The different teaching formats are closely intertwined and the lecturers are in constant exchange.
Media
Blackboard or presentation
Demonstation experiments (explanations as downloads)
Example videos (as downloads)
Lecture notes as download
Exercises with solutions as download
Literature
W. Demtröder, Experimentalphysik 1: Mechanik und Wärme, Springer Verlag,
D. Meschede, Gerthsen Physik, Springer Verlag,
BergmannSchaefer, Lehrbuch der Experimentalphysik 1: Mechanik, Akustik, Wärme, de Gruyter,
Tipler, Physik, Spektrum
Module Exam
Description of exams and course work
There will be a written exam of 120 minutes duration. Therein the achievement of the competencies given in section learning outcome is tested exemplarily at least to the given cognition level using calculation problems and comprehension questions.

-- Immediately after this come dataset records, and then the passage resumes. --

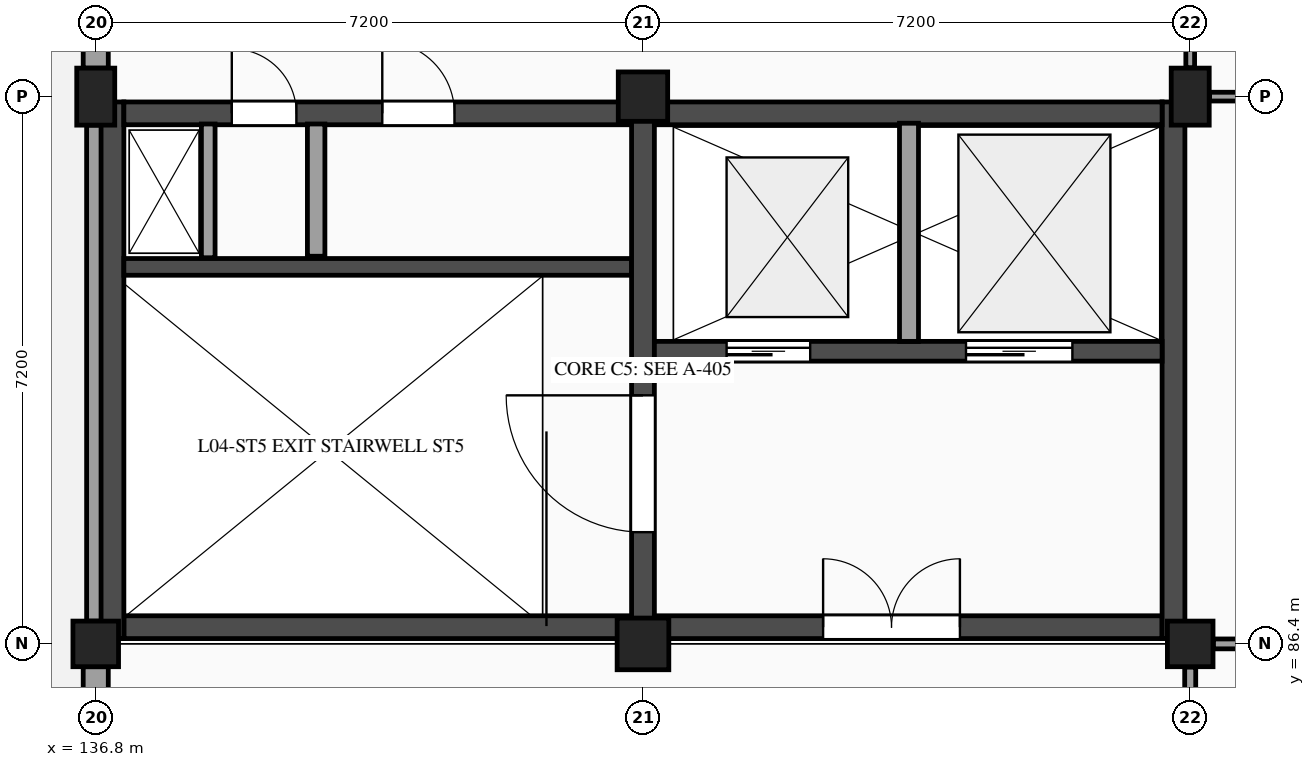
"""IFC4 building model, lengths in metres.
Left out: names, types, materials, properties, quantities, classifications, styles, units other than length and angle.
Written with IfcOpenShell. Run it as: python <this file> out.ifc"""

import sys

from ifc_helpers import new_model, si_unit, direction, frame, frame_2d, origin, origin_2d, place, context, subcontext, project, spatial, rectangle, extrude, element, fill, save


model = new_model("IFC4")
c1 = context("Model", 3, precision=1e-05, world=origin(), true_north=direction((0.0, 1.0)))
c2 = subcontext(c1, "Body", "Model", "MODEL_VIEW")
j1 = project(units=[si_unit("LENGTHUNIT", "METRE"), si_unit("PLANEANGLEUNIT", "RADIAN")], contexts=[c1])
p1 = place(None, origin())
s1 = spatial("IfcSite", under=j1, at=p1, CompositionType="ELEMENT")
p2 = place(p1, origin())
s2 = spatial("IfcBuilding", under=s1, at=p2, CompositionType="ELEMENT")
p3 = place(p2, frame((0.0, 0.0, 18.6)))
s3 = spatial("IfcBuildingStorey", under=s2, at=p3, CompositionType="ELEMENT", Elevation=18.6)
p4 = place(p3, frame((136.8, 86.4, 0.0), z_axis=(0.0, 0.0, 1.0), x_axis=(1.0, 0.0, 0.0)))
e1 = element("IfcColumn", 1, at=p4, inside=s3, PredefinedType="COLUMN", context=c2, shape_type="SweptSolid", body=[
    extrude(rectangle(XDim=0.6, YDim=0.6, at=origin_2d()), origin(), (0.0, 0.0, 1.0), 4.2),
])
p5 = place(p3, frame((136.8, 93.6, 0.0), z_axis=(0.0, 0.0, 1.0), x_axis=(1.0, 0.0, 0.0)))
e2 = element("IfcColumn", 2, at=p5, inside=s3, PredefinedType="COLUMN", context=c2, shape_type="SweptSolid", body=[
    extrude(rectangle(XDim=0.5, YDim=0.75, at=origin_2d()), origin(), (0.0, 0.0, 1.0), 4.2),
])
p6 = place(p3, frame((144.0, 86.4, 0.0), z_axis=(0.0, 0.0, 1.0), x_axis=(1.0, 0.0, 0.0)))
e3 = element("IfcColumn", 3, at=p6, inside=s3, PredefinedType="COLUMN", context=c2, shape_type="SweptSolid", body=[
    extrude(rectangle(XDim=0.68, YDim=0.68, at=origin_2d()), origin(), (0.0, 0.0, 1.0), 4.2),
])
p7 = place(p3, frame((144.0, 93.6, 0.0), z_axis=(0.0, 0.0, 1.0), x_axis=(1.0, 0.0, 0.0)))
e4 = element("IfcColumn", 4, at=p7, inside=s3, PredefinedType="COLUMN", context=c2, shape_type="SweptSolid", body=[
    extrude(rectangle(XDim=0.65, YDim=0.65, at=origin_2d()), origin(), (0.0, 0.0, 1.0), 4.2),
])
p8 = place(p3, frame((151.2, 86.4, 0.0), z_axis=(0.0, 0.0, 1.0), x_axis=(1.0, 0.0, 0.0)))
e5 = element("IfcColumn", 5, at=p8, inside=s3, PredefinedType="COLUMN", context=c2, shape_type="SweptSolid", body=[
    extrude(rectangle(XDim=0.6, YDim=0.6, at=origin_2d()), origin(), (0.0, 0.0, 1.0), 4.2),
])
p9 = place(p3, frame((151.2, 93.6, 0.0), z_axis=(0.0, 0.0, 1.0), x_axis=(1.0, 0.0, 0.0)))
e6 = element("IfcColumn", 6, at=p9, inside=s3, PredefinedType="COLUMN", context=c2, shape_type="SweptSolid", body=[
    extrude(rectangle(XDim=0.5, YDim=0.75, at=origin_2d()), origin(), (0.0, 0.0, 1.0), 4.2),
])
p10 = place(p3, frame((136.8, 79.51, 0.0), z_axis=(0.0, 0.0, 1.0), x_axis=(0.0, 1.0, 0.0)))
e7 = element("IfcWall", 7, at=p10, inside=s3, PredefinedType="STANDARD", context=c2, shape_type="SweptSolid", body=[
    extrude(rectangle(XDim=6.59, YDim=0.33, at=frame_2d((3.295, 0.0))), origin(), (0.0, 0.0, 1.0), 3.16),
])
p11 = place(p10, frame((2.745, 0.0, 0.0)))
e8 = element("IfcOpeningElement", 8, at=p11, cuts=e7, PredefinedType="OPENING", context=c2, shape_type="SweptSolid", body=[
    extrude(rectangle(XDim=1.1, YDim=2.2, at=frame_2d((0.55, 1.1))), frame((0.0, 0.175, 0.0), z_axis=(0.0, -1.0, 0.0), x_axis=(1.0, 0.0, 0.0)), (0.0, 0.0, 1.0), 0.35),
])
p12 = place(p3, frame((136.8, 86.7, 0.0), z_axis=(0.0, 0.0, 1.0), x_axis=(0.0, 1.0, 0.0)))
e9 = element("IfcWall", 9, at=p12, inside=s3, PredefinedType="STANDARD", context=c2, shape_type="SweptSolid", body=[
    extrude(rectangle(XDim=6.525, YDim=0.24, at=frame_2d((3.263, 0.0))), origin(), (0.0, 0.0, 1.0), 3.16),
])
p13 = place(p3, frame((136.8, 93.975, 0.0), z_axis=(0.0, 0.0, 1.0), x_axis=(0.0, 1.0, 0.0)))
e10 = element("IfcWall", 10, at=p13, inside=s3, PredefinedType="STANDARD", context=c2, shape_type="SweptSolid", body=[
    extrude(rectangle(XDim=6.505, YDim=0.33, at=frame_2d((3.252, 0.0))), origin(), (0.0, 0.0, 1.0), 3.16),
])
p14 = place(p13, frame((1.653, 0.0, 0.95)))
e11 = element("IfcOpeningElement", 11, at=p14, cuts=e10, PredefinedType="OPENING", context=c2, shape_type="SweptSolid", body=[
    extrude(rectangle(XDim=3.2, YDim=1.45, at=frame_2d((1.6, 0.725))), frame((0.0, 0.175, 0.0), z_axis=(0.0, -1.0, 0.0), x_axis=(1.0, 0.0, 0.0)), (0.0, 0.0, 1.0), 0.35),
])
p15 = place(p3, frame((137.17, 86.62, 0.0), z_axis=(0.0, 0.0, 1.0), x_axis=(1.0, 0.0, 0.0)))
e12 = element("IfcWall", 12, at=p15, inside=s3, PredefinedType="SHEAR", context=c2, shape_type="SweptSolid", body=[
    extrude(rectangle(XDim=6.68, YDim=0.3, at=frame_2d((3.34, 0.0))), origin(), (0.0, 0.0, 1.0), 3.955),
])
p16 = place(p3, frame((137.02, 93.53, 0.0), z_axis=(0.0, 0.0, 1.0), x_axis=(0.0, -1.0, 0.0)))
e13 = element("IfcWall", 13, at=p16, inside=s3, PredefinedType="SHEAR", context=c2, shape_type="SweptSolid", body=[
    extrude(rectangle(XDim=7.06, YDim=0.3, at=frame_2d((3.53, 0.0))), origin(), (0.0, 0.0, 1.0), 3.955),
])
p17 = place(p3, frame((137.17, 93.38, 0.0), z_axis=(0.0, 0.0, 1.0), x_axis=(1.0, 0.0, 0.0)))
e14 = element("IfcWall", 14, at=p17, inside=s3, PredefinedType="SHEAR", context=c2, shape_type="SweptSolid", body=[
    extrude(rectangle(XDim=6.68, YDim=0.3, at=frame_2d((3.34, 0.0))), origin(), (0.0, 0.0, 1.0), 3.955),
])
p18 = place(p17, frame((1.42, 0.0, 0.0)))
e15 = element("IfcOpeningElement", 15, at=p18, cuts=e14, PredefinedType="OPENING", context=c2, shape_type="SweptSolid", body=[
    extrude(rectangle(XDim=0.85, YDim=2.1, at=frame_2d((0.425, 1.05))), frame((0.0, 0.16, 0.0), z_axis=(0.0, -1.0, 0.0), x_axis=(1.0, 0.0, 0.0)), (0.0, 0.0, 1.0), 0.32),
])
p19 = place(p17, frame((3.4, 0.0, 0.0)))
e16 = element("IfcOpeningElement", 16, at=p19, cuts=e14, PredefinedType="OPENING", context=c2, shape_type="SweptSolid", body=[
    extrude(rectangle(XDim=0.95, YDim=2.15, at=frame_2d((0.475, 1.075))), frame((0.0, 0.16, 0.0), z_axis=(0.0, -1.0, 0.0), x_axis=(1.0, 0.0, 0.0)), (0.0, 0.0, 1.0), 0.32),
])
p20 = place(p3, frame((137.17, 91.36, 0.0), z_axis=(0.0, 0.0, 1.0), x_axis=(1.0, 0.0, 0.0)))
e17 = element("IfcWall", 17, at=p20, inside=s3, PredefinedType="SHEAR", context=c2, shape_type="SweptSolid", body=[
    extrude(rectangle(XDim=6.68, YDim=0.22, at=frame_2d((3.34, 0.0))), origin(), (0.0, 0.0, 1.0), 3.955),
])
p21 = place(p3, frame((139.7, 91.5, 0.0), z_axis=(0.0, 0.0, 1.0), x_axis=(0.0, 1.0, 0.0)))
e18 = element("IfcWall", 18, at=p21, inside=s3, PredefinedType="PARTITIONING", context=c2, shape_type="SweptSolid", body=[
    extrude(rectangle(XDim=1.74, YDim=0.23, at=frame_2d((0.87, 0.0))), origin(), (0.0, 0.0, 1.0), 3.955),
])
p22 = place(p3, frame((138.28, 91.48, 0.0), z_axis=(0.0, 0.0, 1.0), x_axis=(0.0, 1.0, 0.0)))
e19 = element("IfcWall", 19, at=p22, inside=s3, PredefinedType="PARTITIONING", context=c2, shape_type="SweptSolid", body=[
    extrude(rectangle(XDim=1.76, YDim=0.18, at=frame_2d((0.88, 0.0))), origin(), (0.0, 0.0, 1.0), 3.955),
])
p23 = place(p3, frame((144.0, 86.47, 0.0), z_axis=(0.0, 0.0, 1.0), x_axis=(0.0, 1.0, 0.0)))
e20 = element("IfcWall", 20, at=p23, inside=s3, PredefinedType="SHEAR", context=c2, shape_type="SweptSolid", body=[
    extrude(rectangle(XDim=7.06, YDim=0.3, at=frame_2d((3.53, 0.0))), origin(), (0.0, 0.0, 1.0), 3.955),
])
p24 = place(p23, frame((1.4, 0.0, 0.0)))
e21 = element("IfcOpeningElement", 21, at=p24, cuts=e20, PredefinedType="OPENING", context=c2, shape_type="SweptSolid", body=[
    extrude(rectangle(XDim=1.8, YDim=2.2, at=frame_2d((0.9, 1.1))), frame((0.0, 0.16, 0.0), z_axis=(0.0, -1.0, 0.0), x_axis=(1.0, 0.0, 0.0)), (0.0, 0.0, 1.0), 0.32),
])
p25 = place(p3, frame((144.15, 86.62, 0.0), z_axis=(0.0, 0.0, 1.0), x_axis=(1.0, 0.0, 0.0)))
e22 = element("IfcWall", 22, at=p25, inside=s3, PredefinedType="SHEAR", context=c2, shape_type="SweptSolid", body=[
    extrude(rectangle(XDim=6.68, YDim=0.3, at=frame_2d((3.34, 0.0))), origin(), (0.0, 0.0, 1.0), 3.955),
])
p26 = place(p25, frame((2.22, 0.0, 0.0)))
e23 = element("IfcOpeningElement", 23, at=p26, cuts=e22, PredefinedType="OPENING", context=c2, shape_type="SweptSolid", body=[
    extrude(rectangle(XDim=1.8, YDim=2.2, at=frame_2d((0.9, 1.1))), frame((0.0, 0.16, 0.0), z_axis=(0.0, -1.0, 0.0), x_axis=(1.0, 0.0, 0.0)), (0.0, 0.0, 1.0), 0.32),
])
p27 = place(p3, frame((150.98, 86.47, 0.0), z_axis=(0.0, 0.0, 1.0), x_axis=(0.0, 1.0, 0.0)))
e24 = element("IfcWall", 24, at=p27, inside=s3, PredefinedType="SHEAR", context=c2, shape_type="SweptSolid", body=[
    extrude(rectangle(XDim=7.06, YDim=0.3, at=frame_2d((3.53, 0.0))), origin(), (0.0, 0.0, 1.0), 3.955),
])
p28 = place(p3, frame((144.15, 93.38, 0.0), z_axis=(0.0, 0.0, 1.0), x_axis=(1.0, 0.0, 0.0)))
e25 = element("IfcWall", 25, at=p28, inside=s3, PredefinedType="SHEAR", context=c2, shape_type="SweptSolid", body=[
    extrude(rectangle(XDim=6.68, YDim=0.3, at=frame_2d((3.34, 0.0))), origin(), (0.0, 0.0, 1.0), 3.955),
])
p29 = place(p3, frame((144.15, 90.25, 0.0), z_axis=(0.0, 0.0, 1.0), x_axis=(1.0, 0.0, 0.0)))
e26 = element("IfcWall", 26, at=p29, inside=s3, PredefinedType="SHEAR", context=c2, shape_type="SweptSolid", body=[
    extrude(rectangle(XDim=6.68, YDim=0.26, at=frame_2d((3.34, 0.0))), origin(), (0.0, 0.0, 1.0), 3.955),
])
p30 = place(p29, frame((0.95, 0.0, 0.0)))
e27 = element("IfcOpeningElement", 27, at=p30, cuts=e26, PredefinedType="OPENING", context=c2, shape_type="SweptSolid", body=[
    extrude(rectangle(XDim=1.1, YDim=2.2, at=frame_2d((0.55, 1.1))), frame((0.0, 0.14, 0.0), z_axis=(0.0, -1.0, 0.0), x_axis=(1.0, 0.0, 0.0)), (0.0, 0.0, 1.0), 0.28),
])
p31 = place(p29, frame((4.1, 0.0, 0.0)))
e28 = element("IfcOpeningElement", 28, at=p31, cuts=e26, PredefinedType="OPENING", context=c2, shape_type="SweptSolid", body=[
    extrude(rectangle(XDim=1.4, YDim=2.3, at=frame_2d((0.7, 1.15))), frame((0.0, 0.14, 0.0), z_axis=(0.0, -1.0, 0.0), x_axis=(1.0, 0.0, 0.0)), (0.0, 0.0, 1.0), 0.28),
])
p32 = place(p3, frame((147.5, 90.38, 0.0), z_axis=(0.0, 0.0, 1.0), x_axis=(0.0, 1.0, 0.0)))
e29 = element("IfcWall", 29, at=p32, inside=s3, PredefinedType="PARTITIONING", context=c2, shape_type="SweptSolid", body=[
    extrude(rectangle(XDim=2.87, YDim=0.25, at=frame_2d((1.435, 0.0))), origin(), (0.0, 0.0, 1.0), 3.955),
])
p33 = place(p3, frame((151.2, 79.515, 0.0), z_axis=(0.0, 0.0, 1.0), x_axis=(0.0, 1.0, 0.0)))
e30 = element("IfcWall", 30, at=p33, inside=s3, PredefinedType="PARTITIONING", context=c2, shape_type="SweptSolid", body=[
    extrude(rectangle(XDim=6.58, YDim=0.145, at=frame_2d((3.29, 0.0))), origin(), (0.0, 0.0, 1.0), 3.28),
])
p34 = place(p3, frame((151.2, 93.98, 0.0), z_axis=(0.0, 0.0, 1.0), x_axis=(0.0, 1.0, 0.0)))
e31 = element("IfcWall", 31, at=p34, inside=s3, PredefinedType="PARTITIONING", context=c2, shape_type="SweptSolid", body=[
    extrude(rectangle(XDim=6.495, YDim=0.115, at=frame_2d((3.248, 0.0))), origin(), (0.0, 0.0, 1.0), 3.275),
])
p35 = place(p3, frame((151.505, 86.4, 0.0), z_axis=(0.0, 0.0, 1.0), x_axis=(1.0, 0.0, 0.0)))
e32 = element("IfcWall", 32, at=p35, inside=s3, PredefinedType="PARTITIONING", context=c2, shape_type="SweptSolid", body=[
    extrude(rectangle(XDim=6.55, YDim=0.13, at=frame_2d((3.275, 0.0))), origin(), (0.0, 0.0, 1.0), 3.265),
])
p36 = place(p3, frame((151.455, 93.6, 0.0), z_axis=(0.0, 0.0, 1.0), x_axis=(1.0, 0.0, 0.0)))
e33 = element("IfcWall", 33, at=p36, inside=s3, PredefinedType="PARTITIONING", context=c2, shape_type="SweptSolid", body=[
    extrude(rectangle(XDim=6.615, YDim=0.115, at=frame_2d((3.308, 0.0))), origin(), (0.0, 0.0, 1.0), 3.265),
])
p37 = place(p18, origin())
e34 = element("IfcDoor", 34, at=p37, inside=s3, OperationType="SINGLE_SWING_LEFT", PredefinedType="DOOR", context=c2, shape_type="SweptSolid", body=[
    extrude(rectangle(XDim=0.85, YDim=2.1, at=frame_2d((0.425, 1.05))), frame((0.0, 0.025, 0.0), z_axis=(0.0, -1.0, 0.0), x_axis=(1.0, 0.0, 0.0)), (0.0, 0.0, 1.0), 0.05),
])
fill(e15, e34)
p38 = place(p24, origin())
e35 = element("IfcDoor", 35, at=p38, inside=s3, OperationType="SINGLE_SWING_RIGHT", PredefinedType="DOOR", context=c2, shape_type="SweptSolid", body=[
    extrude(rectangle(XDim=1.8, YDim=2.2, at=frame_2d((0.9, 1.1))), frame((0.0, 0.025, 0.0), z_axis=(0.0, -1.0, 0.0), x_axis=(1.0, 0.0, 0.0)), (0.0, 0.0, 1.0), 0.05),
])
fill(e21, e35)
p39 = place(p19, origin())
e36 = element("IfcDoor", 36, at=p39, inside=s3, OperationType="SINGLE_SWING_LEFT", PredefinedType="DOOR", context=c2, shape_type="SweptSolid", body=[
    extrude(rectangle(XDim=0.95, YDim=2.15, at=frame_2d((0.475, 1.075))), frame((0.0, 0.025, 0.0), z_axis=(0.0, -1.0, 0.0), x_axis=(1.0, 0.0, 0.0)), (0.0, 0.0, 1.0), 0.05),
])
fill(e16, e36)
p40 = place(p30, origin())
e37 = element("IfcDoor", 37, at=p40, inside=s3, OperationType="SLIDING_TO_LEFT", PredefinedType="DOOR", context=c2, shape_type="SweptSolid", body=[
    extrude(rectangle(XDim=1.1, YDim=2.2, at=frame_2d((0.55, 1.1))), frame((0.0, 0.025, 0.0), z_axis=(0.0, -1.0, 0.0), x_axis=(1.0, 0.0, 0.0)), (0.0, 0.0, 1.0), 0.05),
])
fill(e27, e37)
p41 = place(p31, origin())
e38 = element("IfcDoor", 38, at=p41, inside=s3, OperationType="SLIDING_TO_RIGHT", PredefinedType="DOOR", context=c2, shape_type="SweptSolid", body=[
    extrude(rectangle(XDim=1.4, YDim=2.3, at=frame_2d((0.7, 1.15))), frame((0.0, 0.025, 0.0), z_axis=(0.0, -1.0, 0.0), x_axis=(1.0, 0.0, 0.0)), (0.0, 0.0, 1.0), 0.05),
])
fill(e28, e38)
p42 = place(p26, origin())
e39 = element("IfcDoor", 39, at=p42, inside=s3, OperationType="DOUBLE_DOOR_SINGLE_SWING", PredefinedType="DOOR", context=c2, shape_type="SweptSolid", body=[
    extrude(rectangle(XDim=1.8, YDim=2.2, at=frame_2d((0.9, 1.1))), frame((0.0, 0.025, 0.0), z_axis=(0.0, -1.0, 0.0), x_axis=(1.0, 0.0, 0.0)), (0.0, 0.0, 1.0), 0.05),
])
fill(e23, e39)
save(model, sys.argv[1])

For example an assignment in the exam might be:
 Determine the total moment of force acting on a given construction.
 Determine the point of detachment for a point mass sliding down a sphere.
 Calculate the deflection angle of a perpendicular within an aeroplane due to the Coriolis force.
 Integrate the moment of inertia of a solid for a given axis.
Participation in the exercise classes is strongly recommended since the exercises prepare for the problems of the exam and rehearse the specific competencies.
There will be a bonus (one intermediate stepping of "0,3" to the better grade) on passed module exams (4,3 is not upgraded to 4,0). The bonus is applicable to the exam period directly following the lecture period (not to the exam repetition) and subject to the condition that the student passes the midterm of
 passing the two voluntary test exams during the semester
 sensibly preparing at least 50% of the problems for presentation in the tutorials
General Remarks on Exams within Fundamentals Examination (GOP, Part 1) in the B.Sc. Physics
The written exams in the mandatory modules of the first year in the Bachelor’s program Physics are subject to the rules of the Fundamentals Examination (GOP). Each nonpassed exam may only be repeated once. If after the repeat exams of one semester the student failed in one and only one of the three exams a rescue exam is granted where the grade may be corrected to 4,0.
By act of the examination regulations (FPSO) students in the Bachelor’s program Physics are registered to the module exams. To support exam organisation egular registration via TUMonline is done anyway. For students that do not show up at the exam the exam is counted as failed.
Exam Repetition
The exam may be repeated at the end of the semester.